Evidence that protease-activated receptor-2 mediates trypsin-induced reversal of stellation in cultured rat astrocytes

Serine proteases such as thrombin and trypsin play a key role in the development and repair processes in the central nervous system. Molecular actions of serine proteases include multiple cellular events like activation of protease-activated receptors (PARs). PARs belong to a family of G protein-coupled receptors that can be stimulated through their proteolytic cleavage by ligands. PAR-2 has been implicated in neurodegenerative diseases including astrogliosis. Although recent studies have shown that low concentration of trypsin activates PAR-2, its role in morphological changes in primary astrocytes has not been studied. In the present study, we investigated the effects of PAR-2 in astrocyte stellation in rat primary astrocyte culture. Both trypsin (0.1-1 U/ml) and a PAR-2-activating peptide SLIGRL-NH₂ (1-50 μM) significantly reversed the stellation induced by serum deprivation in rat astrocytes. Treatment of astrocytes with trypsin or SLIGRL-NH₂ resulted in a transient rise of the intracellular Ca²⁺ level and trypsin-induced morphological changes were blocked by BAPTA, a Ca²⁺ chelator.

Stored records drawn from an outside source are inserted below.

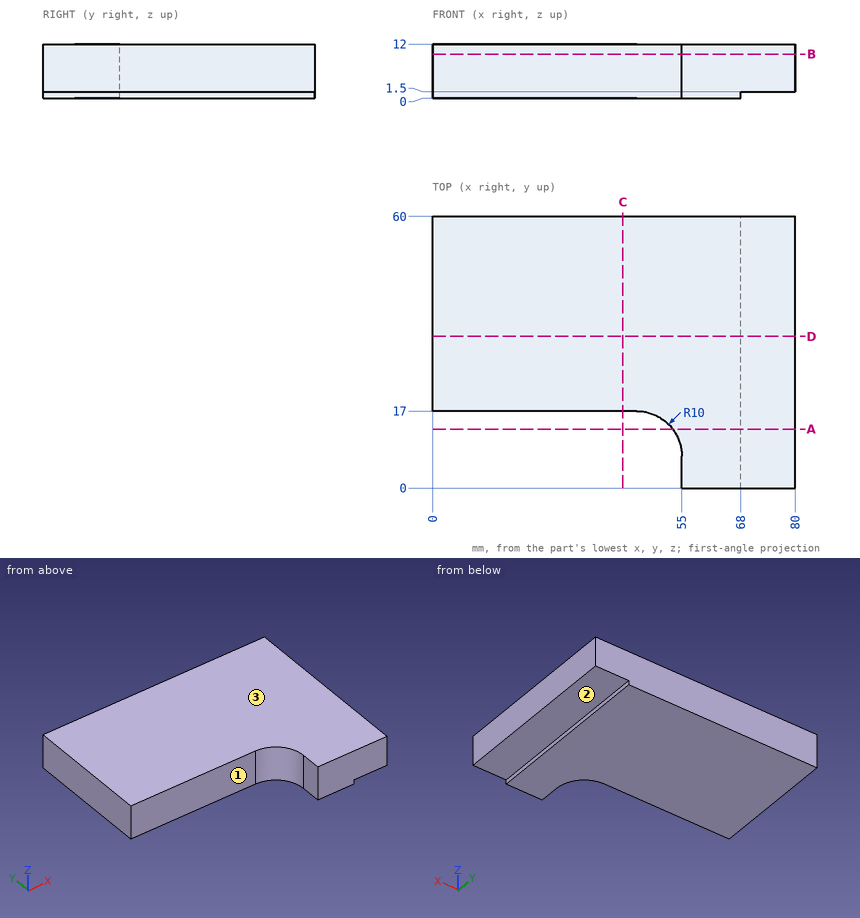
Source: three-view drawing plus pictorial views. Frame: mm from the lowest corner of the part. A direction names the side the tool comes from. Coordinates: 2 decimals unless noted, no trailing zeros. Write each loop counter-clockwise with the first axis right and the second up, starting at its lowest first coordinate (ties: lowest second). Pieces come first, ordered by that corner, then holes. Notation, with made-up numbers: (72.25, 56.25) -> (106.25, 56.25) arc R25 cw to (106.25, 95.25) -> close; hole circle Ø9 at (-14.5, 54.5). An arc over 180 degrees is marked (long way). Answer as a JSON object with one key per item and string values.
1. Section A-A on y = 13. Return the cut outline in (x, z), then the cut area to 3 significant figures.
Result set:
{"outline": "(53, 0) -> (68, 0) -> (68, 1.5) -> (80, 1.5) -> (80, 12) -> (53, 12) -> close", "area": "306 mm2"}
2. Section B-B on z = 9.75. Return the cut outline in (x, y), then the cut area to 3 significant figures.
Result set:
{"outline": "(0, 17) -> (45, 17) arc R10 cw to (55, 7) -> (55, 0) -> (80, 0) -> (80, 60) -> (0, 60) -> close", "area": "3,890 mm2"}
3. Access query for the marked faces 1, 2 and 3. Directions: +Z, -Z, +X, -X, +Y, -Y. A direction counts if a zero-diameter tool reaches every point of the face in a straight line with its end or side. Return the directions, or none.
Result set:
{"face 1": "+Z, -Z, -X, -Y", "face 2": "-Z, +X, +Y, -Y", "face 3": "+Z, +X, -X, +Y, -Y"}
4. Section C-C on x = 42. Return the cut outline in (y, z).
Result set:
{"outline": "(17, 0) -> (60, 0) -> (60, 12) -> (17, 12) -> close"}
5. First-contact query: P1, Ø6, axis at x = 25, z = 5.5, coming from the -Y side; P2, Ø1.6, axis at y = 19, z = 0.5, coming from the +X side; P3, Ø6, axis at x = 74.5, y = 42.5, coming from the -Z side. Flat tips, straight axial feed; report the tip coordinate or a pass-through.
Result set:
{"P1": "stops at y = 17", "P2": "stops at x = 68", "P3": "stops at z = 1.5"}
6. Material intervals for line 1 (Y direction, x = 9.5, z = 1.5); line 2 (Z direction, x = 75.5, y = 48); line 3 (X direction, y = 13, z = 11.25), sorted ascending. Write a range as from..to.
Result set:
{"line 1": "y = 17..60", "line 2": "z = 1.5..12", "line 3": "x = 53..80"}
7. Section D-D on y = 33.5. Return the cut outline in (x, z), then the cut area to 3 significant figures.
Result set:
{"outline": "(0, 0) -> (68, 0) -> (68, 1.5) -> (80, 1.5) -> (80, 12) -> (0, 12) -> close", "area": "942 mm2"}
```python
from build123d import *

# Parameters (mm, degrees)
HEX_BODY_155AF_X65_DEPTH = 65
COLLAR_PROFILE_100_R     = 50
COLLAR_100_X50_DEPTH     = 50
THROUGH_BORE_75_REACH    = 167.044
BORE_PROFILE_75_R        = 37.5


with BuildPart() as part:
    # Hex Profile 155AF → Hex Body 155AF x65 (new body)
    with BuildSketch(Plane(origin=(0, 0, 0), x_dir=(1, 0, 0), z_dir=(0, 1, 0))):
        Polygon((89.489291724, 0), (44.744645862, 77.5), (-44.744645862, 77.5), (-89.489291724, 0), (-44.744645862, -77.5), (44.744645862, -77.5), align=None)
    extrude(amount=HEX_BODY_155AF_X65_DEPTH)

    # Hex Chamfer Profile 10x10 → Hex Corner Chamfer 10x10 (revolve, cut)
    with BuildSketch(Plane.XY):
        Polygon((79.489291724, 65), (89.489291724, 65), (89.489291724, 55), align=None)
    revolve(axis=Axis((0, 0, 0), (0, 1, 0)), mode=Mode.SUBTRACT)

    # Collar Profile Ø100 → Collar Ø100 x50 (add)
    with BuildSketch(Plane(origin=(0, 65, 0), x_dir=(1, 0, 0), z_dir=(0, 1, 0))):
        with Locations(Location((0, 0, 0), (0, 0, 270))):
            Circle(COLLAR_PROFILE_100_R)
    extrude(amount=COLLAR_100_X50_DEPTH)

    # Bore Profile Ø75 → Through Bore Ø75 (cut, up to next)
    with BuildSketch(Plane(origin=(0, 115, 0), x_dir=(1, 0, 0), z_dir=(0, 1, 0)), mode=Mode.PRIVATE) as through_bore_75_sk1:
        with Locations(Location((0, 0, 0), (0, 0, 270))):
            Circle(BORE_PROFILE_75_R)
    through_bore_75_tool1 = extrude(through_bore_75_sk1.sketch, amount=-THROUGH_BORE_75_REACH, mode=Mode.PRIVATE) & part.part
    add(through_bore_75_tool1.solids().sort_by_distance((0, 115, 0))[0], mode=Mode.SUBTRACT)


solid = part.part
```
CAD build for the part. Positions are in the model's coordinates, mm. A direction names the side the tool comes from. Round coordinates to 2 decimals unless told otherwise and drop trailing zeros. Order: outer loops, then holes, each group sorted by start corner. A loop starts at its lowest first (then second) coordinate and runs counter-clockwise, first axis right, second up. Notation, with made-up numbers: (86.25, 70.5) - (109.25, 70.5) arc R28 cw to (109.25, 90.5) - close; hole circle Ø1 at (-6, 12). An arc over 180 degrees is marked (long way). Answer in a Markdown table with one row per item. Add a question column.
(1) Band-saw the part on C-C on z = -40. List the corners of the cut face in (x, y).
(2) Band-saw the part on A-A on x = 0. List the corners of the cut face in (y, z).
(3) Band-saw the part on D-D on y = 57.5. List the corners of the cut face in (x, z), and give its area (3 significant figures).
(4) Band-saw the part on B-B on y = 23.5. List the corners of the cut face in (x, z), and give its area (3 significant figures).
(5) 3-axis set-ups, long thin cutter, end or side, ignore diameter. For faces 1 (the face through (-66.8, 32, -39.3)), 2 (the face through (15.02, 89.65, 47.69)): which of +Z, -Z, +X, -X, +Y, -Y reach the whole face in a straight line?
(6) Mould opens along Z. For faces 3 (the face through (-41.4, 62.3, 71)), 4 (the face through (-22.818, 58.305, -29.759)), 5 (the face through (82.2, 62.29, 0.34)), 6 (the face through (1, 32, -77.5)) say: +Z half, -Z half, draft (parallel to the pull), parting line (faces both ways), or undercut.
(7) Drop flat-ended pins along their axis: pin 1 Ø10 at (y, z) = (90.5, 44) entering from -X; pin 2 Ø2 at (y, z) = (33.5, 6.5) entering from +X; pin 3 Ø3 at (y, z) = (72.5, 25) entering from -X. Give the stop position or say it passes through.
(8) Probe L1, parallel to X at y = 69, z = 0; L2, parallel to X at y = 42.5, z = 0. List the from-to ranges inside material, lowest first. Write a range as [from, to].
Data:
| question | item | result |
|---|---|---|
| 1 | outline | (-66.4, 0) - (66.4, 0) - (66.4, 65) - (30, 65) - (30, 115) - (-30, 115) - (-30, 65) - (-66.4, 65) - close |
| 2 | outline | (0, -77.5) - (65, -77.5) - (65, -50) - (115, -50) - (115, -37.5) - (0, -37.5) - close; (0, 37.5) - (115, 37.5) - (115, 50) - (65, 50) - (65, 77.5) - (0, 77.5) - close |
| 3 | outline | (-86.87, -4.54) - (-47.36, -72.96) arc R86.99 ccw to (-39.51, -77.5) - (39.51, -77.5) arc R86.99 ccw to (47.36, -72.96) - (86.87, -4.54) arc R86.99 ccw to (86.87, 4.54) - (47.36, 72.96) arc R86.99 ccw to (39.51, 77.5) - (-39.51, 77.5) arc R86.99 ccw to (-47.36, 72.96) - (-86.87, 4.54) arc R86.99 ccw to start; hole circle Ø75 at (0, 0) |
| 3 | area | 16,300 mm^2 |
| 4 | outline | (-89.49, 0) - (-44.74, -77.5) - (44.74, -77.5) - (89.49, 0) - (44.74, 77.5) - (-44.74, 77.5) - close; hole circle Ø75 at (0, 0) |
| 4 | area | 16,400 mm^2 |
| 5 | face 1 | -Z, -X, +Y, -Y |
| 5 | face 2 | +Y |
| 6 | face 3 | +Z half |
| 6 | face 4 | undercut |
| 6 | face 5 | parting line |
| 6 | face 6 | -Z half |
| 7 | pin 1 | stops at x = -31.29 |
| 7 | pin 2 | stops at x = 86.31 |
| 7 | pin 3 | stops at x = -44.13 |
| 8 | L1 | x = [-50, -37.5], [37.5, 50] |
| 8 | L2 | x = [-89.49, -37.5], [37.5, 89.49] |

In addition, a protein kinase C (PKC) inhibitor, bisindolylmaleimide significantly inhibited the trypsin-induced morphological changes, whereas activation of PKC by phorbol-12-myristate-13-acetate acted as trypsin. Taken together, these results suggest that activation of PAR-2 by trypsin caused reversal of stellation in cultured astrocytes, in part, via the mobilization of intracellular Ca²⁺ and activation of PKC.